イエス様は、ご自分と人を牧者と羊にたとえて語られました。羊は牧者の声を聞き分け、牧者についていきます。牧者でない者にはついていきません。人は神の愛しか食べられないように造られています。ですから、潜在意識においては本物を知っているのです。ところが現実は、死の恐怖に惑わされて、恐れから逃れるために、神ではなく見えるものにしがみついています。しかし、この世にあるものは何一つ恐れを消すことができず、何を手にしても満足できません。そして人は、自分が何を欲しているのか分からなくなっています。


今回のタイトルにもなっているイエス様のことばは、ご自分が来られた目的を明確に表しています。これほど的を得て書かれているところは他にありません。これがイエス様の来られた目的であるということは、すなわち、これが私たちが目指すべきゴールであるということです。そして、私たちが与えられた人生においてこれを目指すのでなければ、神とかみ合わない、ずれた生き方になります。では、イエス様が語られたこの言葉の意味を深く味わっていきましょう。


羊がいのちを得るとは、私たちがイエス様を信じて永遠のいのちを得ることです。では、その永遠のいのちを豊かに持つとはどういうことでしょうか。イエス様を信じて救われた者は、イエス様という木につながれた枝です。枝がそのいのちを豊かにしようとするなら、私たちはイエス様との関係を密にする必要があります。そうすると枝には実がなります。信頼という実です。自分を神に委ねられるようになるということです。

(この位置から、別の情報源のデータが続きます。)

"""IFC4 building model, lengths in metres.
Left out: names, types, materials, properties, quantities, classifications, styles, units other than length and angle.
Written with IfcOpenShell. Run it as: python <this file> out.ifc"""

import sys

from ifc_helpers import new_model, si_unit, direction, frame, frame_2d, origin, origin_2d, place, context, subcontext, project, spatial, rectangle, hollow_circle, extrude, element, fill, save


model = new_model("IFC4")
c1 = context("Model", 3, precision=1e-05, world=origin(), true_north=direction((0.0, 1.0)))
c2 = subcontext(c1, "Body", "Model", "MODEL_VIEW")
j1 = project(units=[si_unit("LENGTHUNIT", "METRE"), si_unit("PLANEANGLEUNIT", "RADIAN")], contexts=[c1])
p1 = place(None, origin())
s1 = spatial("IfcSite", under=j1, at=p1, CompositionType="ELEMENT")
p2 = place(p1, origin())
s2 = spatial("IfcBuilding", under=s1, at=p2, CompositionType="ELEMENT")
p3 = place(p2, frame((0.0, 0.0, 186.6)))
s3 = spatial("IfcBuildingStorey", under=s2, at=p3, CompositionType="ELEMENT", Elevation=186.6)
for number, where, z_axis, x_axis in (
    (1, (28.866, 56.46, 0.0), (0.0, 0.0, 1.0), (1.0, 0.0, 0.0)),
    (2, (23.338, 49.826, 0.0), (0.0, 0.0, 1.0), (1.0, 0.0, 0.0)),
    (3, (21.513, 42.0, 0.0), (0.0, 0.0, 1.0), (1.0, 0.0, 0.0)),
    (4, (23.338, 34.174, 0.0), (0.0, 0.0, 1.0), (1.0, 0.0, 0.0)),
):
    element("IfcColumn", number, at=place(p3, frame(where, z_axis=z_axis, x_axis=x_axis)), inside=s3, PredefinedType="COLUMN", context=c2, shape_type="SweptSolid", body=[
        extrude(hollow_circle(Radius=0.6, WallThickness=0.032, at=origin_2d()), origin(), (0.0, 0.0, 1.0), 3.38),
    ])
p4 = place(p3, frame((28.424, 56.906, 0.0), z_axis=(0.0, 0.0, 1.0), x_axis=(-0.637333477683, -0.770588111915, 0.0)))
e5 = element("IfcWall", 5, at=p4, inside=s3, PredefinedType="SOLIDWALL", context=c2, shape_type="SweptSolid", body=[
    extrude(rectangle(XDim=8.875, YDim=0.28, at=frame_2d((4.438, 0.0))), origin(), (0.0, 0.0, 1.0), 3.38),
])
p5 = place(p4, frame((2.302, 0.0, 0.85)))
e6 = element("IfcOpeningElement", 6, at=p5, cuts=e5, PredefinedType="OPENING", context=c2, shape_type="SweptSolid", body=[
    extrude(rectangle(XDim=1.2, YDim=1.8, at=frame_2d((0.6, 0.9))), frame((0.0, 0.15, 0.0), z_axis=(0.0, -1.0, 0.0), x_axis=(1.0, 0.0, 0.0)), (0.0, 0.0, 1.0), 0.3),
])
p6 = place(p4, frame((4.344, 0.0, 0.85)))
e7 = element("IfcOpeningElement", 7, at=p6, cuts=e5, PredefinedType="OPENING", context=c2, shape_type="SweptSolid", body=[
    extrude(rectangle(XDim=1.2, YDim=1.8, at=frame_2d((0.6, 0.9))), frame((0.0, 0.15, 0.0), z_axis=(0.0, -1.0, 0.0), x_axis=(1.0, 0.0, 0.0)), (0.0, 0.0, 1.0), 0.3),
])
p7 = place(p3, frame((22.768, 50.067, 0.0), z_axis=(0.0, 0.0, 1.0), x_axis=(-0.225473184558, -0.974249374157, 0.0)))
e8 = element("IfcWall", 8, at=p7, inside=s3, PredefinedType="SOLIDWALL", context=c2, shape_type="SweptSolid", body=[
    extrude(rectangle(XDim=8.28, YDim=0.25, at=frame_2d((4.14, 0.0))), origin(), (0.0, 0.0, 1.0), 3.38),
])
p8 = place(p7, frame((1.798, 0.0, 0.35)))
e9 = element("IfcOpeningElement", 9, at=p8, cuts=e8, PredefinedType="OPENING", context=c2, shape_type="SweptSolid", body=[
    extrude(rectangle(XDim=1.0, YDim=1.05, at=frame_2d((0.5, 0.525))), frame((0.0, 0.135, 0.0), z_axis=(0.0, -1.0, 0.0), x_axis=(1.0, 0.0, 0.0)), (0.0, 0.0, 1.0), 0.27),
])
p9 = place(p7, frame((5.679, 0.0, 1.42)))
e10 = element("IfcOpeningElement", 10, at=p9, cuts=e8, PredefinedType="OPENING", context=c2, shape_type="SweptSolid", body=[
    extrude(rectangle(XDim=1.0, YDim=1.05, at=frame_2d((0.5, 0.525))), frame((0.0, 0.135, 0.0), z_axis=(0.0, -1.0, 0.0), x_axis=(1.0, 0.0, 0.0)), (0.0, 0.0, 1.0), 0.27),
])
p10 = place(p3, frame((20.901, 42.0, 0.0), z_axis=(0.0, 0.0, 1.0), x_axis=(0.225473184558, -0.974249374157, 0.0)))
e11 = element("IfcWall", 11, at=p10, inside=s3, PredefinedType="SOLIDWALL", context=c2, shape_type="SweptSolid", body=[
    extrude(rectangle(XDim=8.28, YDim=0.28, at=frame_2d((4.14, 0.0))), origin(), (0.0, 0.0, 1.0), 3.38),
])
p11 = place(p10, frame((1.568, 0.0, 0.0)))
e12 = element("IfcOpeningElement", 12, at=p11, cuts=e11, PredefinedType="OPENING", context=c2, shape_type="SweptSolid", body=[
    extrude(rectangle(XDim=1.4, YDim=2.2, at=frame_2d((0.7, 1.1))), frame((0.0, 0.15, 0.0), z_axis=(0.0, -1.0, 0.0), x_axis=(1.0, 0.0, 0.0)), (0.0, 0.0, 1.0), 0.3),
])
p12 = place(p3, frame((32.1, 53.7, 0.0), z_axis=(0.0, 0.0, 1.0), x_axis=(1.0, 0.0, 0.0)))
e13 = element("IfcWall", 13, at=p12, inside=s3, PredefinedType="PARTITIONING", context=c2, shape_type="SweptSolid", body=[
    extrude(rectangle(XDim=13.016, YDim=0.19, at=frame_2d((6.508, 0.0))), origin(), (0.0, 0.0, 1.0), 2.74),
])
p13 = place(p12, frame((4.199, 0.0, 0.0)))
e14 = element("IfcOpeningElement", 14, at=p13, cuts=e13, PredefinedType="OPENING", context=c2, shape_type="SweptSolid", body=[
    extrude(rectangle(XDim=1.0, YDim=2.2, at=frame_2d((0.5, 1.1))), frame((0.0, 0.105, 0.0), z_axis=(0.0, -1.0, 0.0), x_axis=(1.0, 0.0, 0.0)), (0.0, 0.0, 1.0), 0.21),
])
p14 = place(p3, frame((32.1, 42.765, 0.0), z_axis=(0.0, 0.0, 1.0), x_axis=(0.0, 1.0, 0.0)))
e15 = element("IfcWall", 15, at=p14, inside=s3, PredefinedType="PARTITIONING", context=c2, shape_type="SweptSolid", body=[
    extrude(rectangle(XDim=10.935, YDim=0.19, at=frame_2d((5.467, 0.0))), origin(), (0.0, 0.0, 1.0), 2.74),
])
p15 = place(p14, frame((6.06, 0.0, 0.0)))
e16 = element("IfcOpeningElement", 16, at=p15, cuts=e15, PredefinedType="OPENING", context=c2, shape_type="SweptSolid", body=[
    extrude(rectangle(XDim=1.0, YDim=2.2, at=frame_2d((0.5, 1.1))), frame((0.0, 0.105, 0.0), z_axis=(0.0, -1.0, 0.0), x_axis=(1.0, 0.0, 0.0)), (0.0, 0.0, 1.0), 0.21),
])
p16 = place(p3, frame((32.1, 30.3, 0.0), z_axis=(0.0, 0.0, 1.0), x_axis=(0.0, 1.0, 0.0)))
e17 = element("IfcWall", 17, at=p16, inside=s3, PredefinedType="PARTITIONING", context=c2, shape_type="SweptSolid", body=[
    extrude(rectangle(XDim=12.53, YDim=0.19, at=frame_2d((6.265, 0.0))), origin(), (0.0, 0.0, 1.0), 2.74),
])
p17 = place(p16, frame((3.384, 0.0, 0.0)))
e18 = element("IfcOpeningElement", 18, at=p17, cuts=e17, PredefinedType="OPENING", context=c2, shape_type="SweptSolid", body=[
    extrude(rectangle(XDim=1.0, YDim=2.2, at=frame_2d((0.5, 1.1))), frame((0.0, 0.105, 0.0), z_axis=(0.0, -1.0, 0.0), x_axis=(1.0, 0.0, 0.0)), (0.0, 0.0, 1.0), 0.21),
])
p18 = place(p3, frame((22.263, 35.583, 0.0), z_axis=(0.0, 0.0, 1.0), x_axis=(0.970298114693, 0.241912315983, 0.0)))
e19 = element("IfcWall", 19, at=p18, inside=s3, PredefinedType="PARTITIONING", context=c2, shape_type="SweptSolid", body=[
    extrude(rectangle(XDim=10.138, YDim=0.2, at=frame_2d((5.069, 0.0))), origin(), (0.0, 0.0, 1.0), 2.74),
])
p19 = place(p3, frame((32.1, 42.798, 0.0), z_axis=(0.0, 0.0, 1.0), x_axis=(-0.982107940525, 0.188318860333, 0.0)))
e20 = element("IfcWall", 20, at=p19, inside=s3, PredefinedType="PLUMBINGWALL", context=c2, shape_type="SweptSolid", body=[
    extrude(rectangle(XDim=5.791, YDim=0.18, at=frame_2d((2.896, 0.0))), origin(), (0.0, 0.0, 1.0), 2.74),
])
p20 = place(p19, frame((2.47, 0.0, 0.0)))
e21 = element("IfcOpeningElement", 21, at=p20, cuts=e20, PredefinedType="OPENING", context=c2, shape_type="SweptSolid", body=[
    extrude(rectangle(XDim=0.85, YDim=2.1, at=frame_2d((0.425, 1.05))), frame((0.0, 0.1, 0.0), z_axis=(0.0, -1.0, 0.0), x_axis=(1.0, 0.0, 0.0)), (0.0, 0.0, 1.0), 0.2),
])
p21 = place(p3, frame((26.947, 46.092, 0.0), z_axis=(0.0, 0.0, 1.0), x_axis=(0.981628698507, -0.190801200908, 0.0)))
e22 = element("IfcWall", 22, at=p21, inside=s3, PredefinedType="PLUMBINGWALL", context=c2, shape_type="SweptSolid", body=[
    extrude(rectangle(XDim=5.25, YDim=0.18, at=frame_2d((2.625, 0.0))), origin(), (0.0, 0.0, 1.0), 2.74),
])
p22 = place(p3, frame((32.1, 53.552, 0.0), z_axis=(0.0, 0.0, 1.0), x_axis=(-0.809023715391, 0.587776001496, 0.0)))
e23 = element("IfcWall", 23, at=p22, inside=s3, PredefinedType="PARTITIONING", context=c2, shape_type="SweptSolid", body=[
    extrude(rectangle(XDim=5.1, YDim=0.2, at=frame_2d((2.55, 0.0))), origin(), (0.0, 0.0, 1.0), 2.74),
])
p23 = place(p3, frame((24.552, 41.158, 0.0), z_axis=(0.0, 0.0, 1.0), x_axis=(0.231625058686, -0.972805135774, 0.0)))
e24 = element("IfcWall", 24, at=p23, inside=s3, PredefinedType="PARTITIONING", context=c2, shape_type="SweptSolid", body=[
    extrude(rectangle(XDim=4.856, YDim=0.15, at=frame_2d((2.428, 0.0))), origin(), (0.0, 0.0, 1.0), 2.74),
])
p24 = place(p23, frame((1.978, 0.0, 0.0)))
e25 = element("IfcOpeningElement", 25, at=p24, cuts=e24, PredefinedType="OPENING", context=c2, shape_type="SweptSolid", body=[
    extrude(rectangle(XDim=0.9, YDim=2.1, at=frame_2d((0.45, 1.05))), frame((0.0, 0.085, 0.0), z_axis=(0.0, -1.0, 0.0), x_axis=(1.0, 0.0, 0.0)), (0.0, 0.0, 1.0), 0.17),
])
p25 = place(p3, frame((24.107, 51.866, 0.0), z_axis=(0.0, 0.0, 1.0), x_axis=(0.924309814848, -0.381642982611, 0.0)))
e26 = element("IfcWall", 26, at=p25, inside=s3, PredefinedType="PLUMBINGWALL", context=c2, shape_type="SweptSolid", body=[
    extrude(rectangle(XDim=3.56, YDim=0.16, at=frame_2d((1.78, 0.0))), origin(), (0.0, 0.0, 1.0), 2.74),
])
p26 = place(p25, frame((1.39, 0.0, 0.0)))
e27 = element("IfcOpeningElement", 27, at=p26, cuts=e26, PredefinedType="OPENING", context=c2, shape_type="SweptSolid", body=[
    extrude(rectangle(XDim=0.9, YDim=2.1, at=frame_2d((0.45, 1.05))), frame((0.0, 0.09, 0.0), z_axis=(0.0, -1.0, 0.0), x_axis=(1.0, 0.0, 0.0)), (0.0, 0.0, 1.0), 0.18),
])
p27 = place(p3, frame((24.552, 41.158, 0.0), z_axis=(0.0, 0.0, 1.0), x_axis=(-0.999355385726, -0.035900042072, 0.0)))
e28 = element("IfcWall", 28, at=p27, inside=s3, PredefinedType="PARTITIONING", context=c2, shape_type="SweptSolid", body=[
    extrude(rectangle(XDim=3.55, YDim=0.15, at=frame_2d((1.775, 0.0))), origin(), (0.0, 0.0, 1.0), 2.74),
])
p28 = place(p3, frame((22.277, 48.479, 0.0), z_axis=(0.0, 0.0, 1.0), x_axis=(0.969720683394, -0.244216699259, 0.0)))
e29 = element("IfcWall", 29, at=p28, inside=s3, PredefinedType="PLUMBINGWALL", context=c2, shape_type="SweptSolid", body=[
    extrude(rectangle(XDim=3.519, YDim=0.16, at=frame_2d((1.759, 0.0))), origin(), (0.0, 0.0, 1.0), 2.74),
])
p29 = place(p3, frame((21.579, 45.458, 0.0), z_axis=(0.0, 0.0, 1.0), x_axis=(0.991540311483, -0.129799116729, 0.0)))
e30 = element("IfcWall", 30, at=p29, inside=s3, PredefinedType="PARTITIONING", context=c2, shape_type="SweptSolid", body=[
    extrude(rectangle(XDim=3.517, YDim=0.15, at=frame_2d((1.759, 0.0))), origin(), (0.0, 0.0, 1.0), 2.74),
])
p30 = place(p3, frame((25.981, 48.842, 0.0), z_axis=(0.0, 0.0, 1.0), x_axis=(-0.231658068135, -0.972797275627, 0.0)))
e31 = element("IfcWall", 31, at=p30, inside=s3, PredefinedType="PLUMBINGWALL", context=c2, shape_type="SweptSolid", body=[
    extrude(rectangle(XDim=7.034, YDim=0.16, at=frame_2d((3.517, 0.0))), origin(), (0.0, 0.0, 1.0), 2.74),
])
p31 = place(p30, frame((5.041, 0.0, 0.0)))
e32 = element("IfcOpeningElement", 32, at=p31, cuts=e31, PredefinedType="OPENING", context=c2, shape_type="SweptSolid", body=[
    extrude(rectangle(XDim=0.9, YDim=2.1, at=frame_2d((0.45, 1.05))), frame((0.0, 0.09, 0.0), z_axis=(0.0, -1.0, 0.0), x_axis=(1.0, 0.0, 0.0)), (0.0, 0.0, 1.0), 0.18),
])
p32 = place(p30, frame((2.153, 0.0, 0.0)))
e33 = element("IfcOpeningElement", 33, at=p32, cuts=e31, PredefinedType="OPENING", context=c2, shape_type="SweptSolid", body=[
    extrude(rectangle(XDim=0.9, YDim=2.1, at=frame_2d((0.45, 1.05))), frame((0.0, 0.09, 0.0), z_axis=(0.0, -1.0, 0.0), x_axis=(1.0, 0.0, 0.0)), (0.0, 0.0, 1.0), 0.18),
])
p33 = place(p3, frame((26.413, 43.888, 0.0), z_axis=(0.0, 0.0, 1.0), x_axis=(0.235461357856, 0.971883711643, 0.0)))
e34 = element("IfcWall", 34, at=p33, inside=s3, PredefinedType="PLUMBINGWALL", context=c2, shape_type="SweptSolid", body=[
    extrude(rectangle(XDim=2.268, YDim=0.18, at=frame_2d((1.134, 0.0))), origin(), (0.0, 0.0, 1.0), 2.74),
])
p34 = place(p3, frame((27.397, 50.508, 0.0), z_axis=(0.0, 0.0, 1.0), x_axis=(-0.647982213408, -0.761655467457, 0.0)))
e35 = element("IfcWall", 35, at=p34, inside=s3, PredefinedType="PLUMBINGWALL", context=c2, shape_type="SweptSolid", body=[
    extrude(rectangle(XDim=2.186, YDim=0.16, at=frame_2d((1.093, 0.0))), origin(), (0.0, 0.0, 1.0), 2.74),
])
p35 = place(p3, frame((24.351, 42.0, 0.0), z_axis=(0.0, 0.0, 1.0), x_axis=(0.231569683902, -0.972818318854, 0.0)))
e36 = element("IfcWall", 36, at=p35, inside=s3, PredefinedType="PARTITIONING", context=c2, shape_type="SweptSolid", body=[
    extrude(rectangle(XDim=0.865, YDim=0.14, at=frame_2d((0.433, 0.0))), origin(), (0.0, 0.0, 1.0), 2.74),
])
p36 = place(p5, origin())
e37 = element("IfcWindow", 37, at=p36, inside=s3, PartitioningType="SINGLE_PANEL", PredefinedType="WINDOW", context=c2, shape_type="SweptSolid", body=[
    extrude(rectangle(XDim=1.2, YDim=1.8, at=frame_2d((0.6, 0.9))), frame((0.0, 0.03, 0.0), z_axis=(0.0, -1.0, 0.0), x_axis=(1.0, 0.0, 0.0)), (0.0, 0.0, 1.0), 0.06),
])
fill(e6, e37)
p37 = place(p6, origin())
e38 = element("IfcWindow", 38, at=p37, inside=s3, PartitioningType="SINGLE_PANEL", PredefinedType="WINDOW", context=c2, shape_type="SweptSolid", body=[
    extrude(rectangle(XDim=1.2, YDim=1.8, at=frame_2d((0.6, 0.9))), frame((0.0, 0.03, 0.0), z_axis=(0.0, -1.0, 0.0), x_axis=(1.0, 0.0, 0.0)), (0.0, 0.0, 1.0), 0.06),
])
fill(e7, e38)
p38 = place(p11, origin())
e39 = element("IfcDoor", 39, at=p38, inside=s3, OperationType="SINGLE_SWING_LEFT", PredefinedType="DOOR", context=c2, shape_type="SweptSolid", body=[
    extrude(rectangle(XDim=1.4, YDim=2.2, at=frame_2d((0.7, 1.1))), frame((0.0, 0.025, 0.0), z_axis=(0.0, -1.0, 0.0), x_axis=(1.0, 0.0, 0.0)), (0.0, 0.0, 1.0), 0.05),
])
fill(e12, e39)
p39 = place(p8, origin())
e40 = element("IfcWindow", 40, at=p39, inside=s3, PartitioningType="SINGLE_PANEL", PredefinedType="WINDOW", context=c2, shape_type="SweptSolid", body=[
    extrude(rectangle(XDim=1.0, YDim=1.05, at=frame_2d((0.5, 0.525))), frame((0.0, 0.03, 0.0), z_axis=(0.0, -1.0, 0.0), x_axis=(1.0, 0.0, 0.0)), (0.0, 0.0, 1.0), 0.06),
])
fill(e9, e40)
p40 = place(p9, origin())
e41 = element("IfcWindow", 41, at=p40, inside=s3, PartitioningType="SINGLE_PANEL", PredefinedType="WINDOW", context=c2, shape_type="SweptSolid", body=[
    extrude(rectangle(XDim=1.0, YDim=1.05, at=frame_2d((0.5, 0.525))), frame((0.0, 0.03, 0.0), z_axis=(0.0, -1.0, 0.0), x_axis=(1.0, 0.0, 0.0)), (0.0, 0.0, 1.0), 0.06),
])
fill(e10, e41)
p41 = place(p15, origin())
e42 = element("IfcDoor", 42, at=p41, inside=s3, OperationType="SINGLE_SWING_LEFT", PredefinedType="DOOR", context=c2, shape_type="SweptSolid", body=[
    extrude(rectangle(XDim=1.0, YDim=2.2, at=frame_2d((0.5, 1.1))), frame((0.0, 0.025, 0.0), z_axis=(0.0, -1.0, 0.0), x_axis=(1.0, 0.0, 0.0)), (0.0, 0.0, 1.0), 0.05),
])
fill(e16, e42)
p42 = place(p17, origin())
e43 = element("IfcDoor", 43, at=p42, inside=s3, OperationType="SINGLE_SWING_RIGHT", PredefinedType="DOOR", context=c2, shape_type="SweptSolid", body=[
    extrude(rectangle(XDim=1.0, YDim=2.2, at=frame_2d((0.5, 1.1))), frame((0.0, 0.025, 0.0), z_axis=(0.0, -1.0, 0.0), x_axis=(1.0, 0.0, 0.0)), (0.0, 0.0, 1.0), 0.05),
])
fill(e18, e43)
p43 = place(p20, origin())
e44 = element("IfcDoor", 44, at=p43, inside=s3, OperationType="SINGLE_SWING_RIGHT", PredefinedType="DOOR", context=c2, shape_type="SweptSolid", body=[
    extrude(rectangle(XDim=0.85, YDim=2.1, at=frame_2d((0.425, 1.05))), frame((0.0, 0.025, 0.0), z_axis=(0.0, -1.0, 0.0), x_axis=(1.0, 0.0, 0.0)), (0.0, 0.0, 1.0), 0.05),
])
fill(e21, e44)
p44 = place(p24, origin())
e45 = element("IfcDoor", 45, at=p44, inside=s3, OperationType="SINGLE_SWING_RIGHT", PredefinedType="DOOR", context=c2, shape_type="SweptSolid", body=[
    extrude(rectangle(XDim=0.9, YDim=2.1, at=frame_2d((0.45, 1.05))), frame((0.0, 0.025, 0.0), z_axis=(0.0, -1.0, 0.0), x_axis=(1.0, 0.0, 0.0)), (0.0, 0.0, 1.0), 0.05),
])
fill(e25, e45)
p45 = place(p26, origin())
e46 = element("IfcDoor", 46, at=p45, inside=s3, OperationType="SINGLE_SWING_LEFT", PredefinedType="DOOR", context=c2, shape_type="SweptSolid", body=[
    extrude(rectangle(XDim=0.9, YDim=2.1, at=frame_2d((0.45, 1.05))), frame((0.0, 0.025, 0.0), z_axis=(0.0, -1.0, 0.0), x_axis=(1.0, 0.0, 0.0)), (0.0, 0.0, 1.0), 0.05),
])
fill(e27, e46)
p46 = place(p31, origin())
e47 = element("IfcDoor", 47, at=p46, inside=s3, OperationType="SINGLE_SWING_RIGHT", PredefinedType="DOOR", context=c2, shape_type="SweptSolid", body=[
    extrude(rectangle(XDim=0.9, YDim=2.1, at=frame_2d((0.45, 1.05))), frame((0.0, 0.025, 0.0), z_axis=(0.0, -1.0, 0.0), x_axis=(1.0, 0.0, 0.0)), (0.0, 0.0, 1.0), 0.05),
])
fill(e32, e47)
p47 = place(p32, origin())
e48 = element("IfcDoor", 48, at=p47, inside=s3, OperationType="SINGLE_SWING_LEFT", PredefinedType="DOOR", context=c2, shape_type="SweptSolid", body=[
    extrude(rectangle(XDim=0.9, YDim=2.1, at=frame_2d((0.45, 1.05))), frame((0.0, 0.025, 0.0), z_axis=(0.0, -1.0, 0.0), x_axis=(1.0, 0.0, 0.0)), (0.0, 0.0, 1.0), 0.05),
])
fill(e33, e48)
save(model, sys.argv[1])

いのちを得るとは、イエス様と同じ家に住むようになることとも言えます。同居していても、口を聞かず、交わらないこともできます。しかし、ともに住んでおられるイエス様に何でも打ち明けていくことで、信頼関係を築くこともできます。それがいのちを豊かにすることです。


しかし、多くのクリスチャンがここで陥ってしまうパターンがあります。クリスチャンになってもわたしたちは肉の価値観を持っているので、人の賞賛を得ようとする古い習慣に従って、その願望をかなえるために神に求め(利用し)てしまうのです。人の賞賛ではなく神との信頼を得るために、どうしたらよいのでしょうか。3つのポイントを挙げます。


1.つらくなったら人に同情を求めるのをやめる

人がつらくなる理由は、大きく二つあります。一つは罪責感によるつらさ、もう一つは罪(恐れ)(世の心遣い、富の惑わし)と戦って勝利しようとする時のつらさです。後者はよいつらさですが、前者は、人をさばいたり、愛せないことによるつらさです。このとき、人に同情を求めると、その人は神から離れていきます。しかし、神に助けを求めるなら、神の恵みを体験し、それが神への信頼となります。


2.問題にぶつかったとき、まず神に求める


3.自分が何を欲して生きているのかに気づく

人生の目的を取り違えると大変なことになります。それを学ぶことができるのが、マタイ25章14〜30節の天の御国のたとえです。主人がしもべたちを呼んで財産(タラント)を預け、旅に出かけ、帰ってくると、それをどれくらい増やしたか清算します。財産を増やしたしもべに対して、主人は喜び、さらに多くのものをまかせますが、財産を使わず土の中に隠していたしもべを怠け者と呼び、せめて銀行に預けておくべきだったと言って、与えたものを取り上げ、暗闇に追い出してしまいました。このたとえはどういう意味でしょうか。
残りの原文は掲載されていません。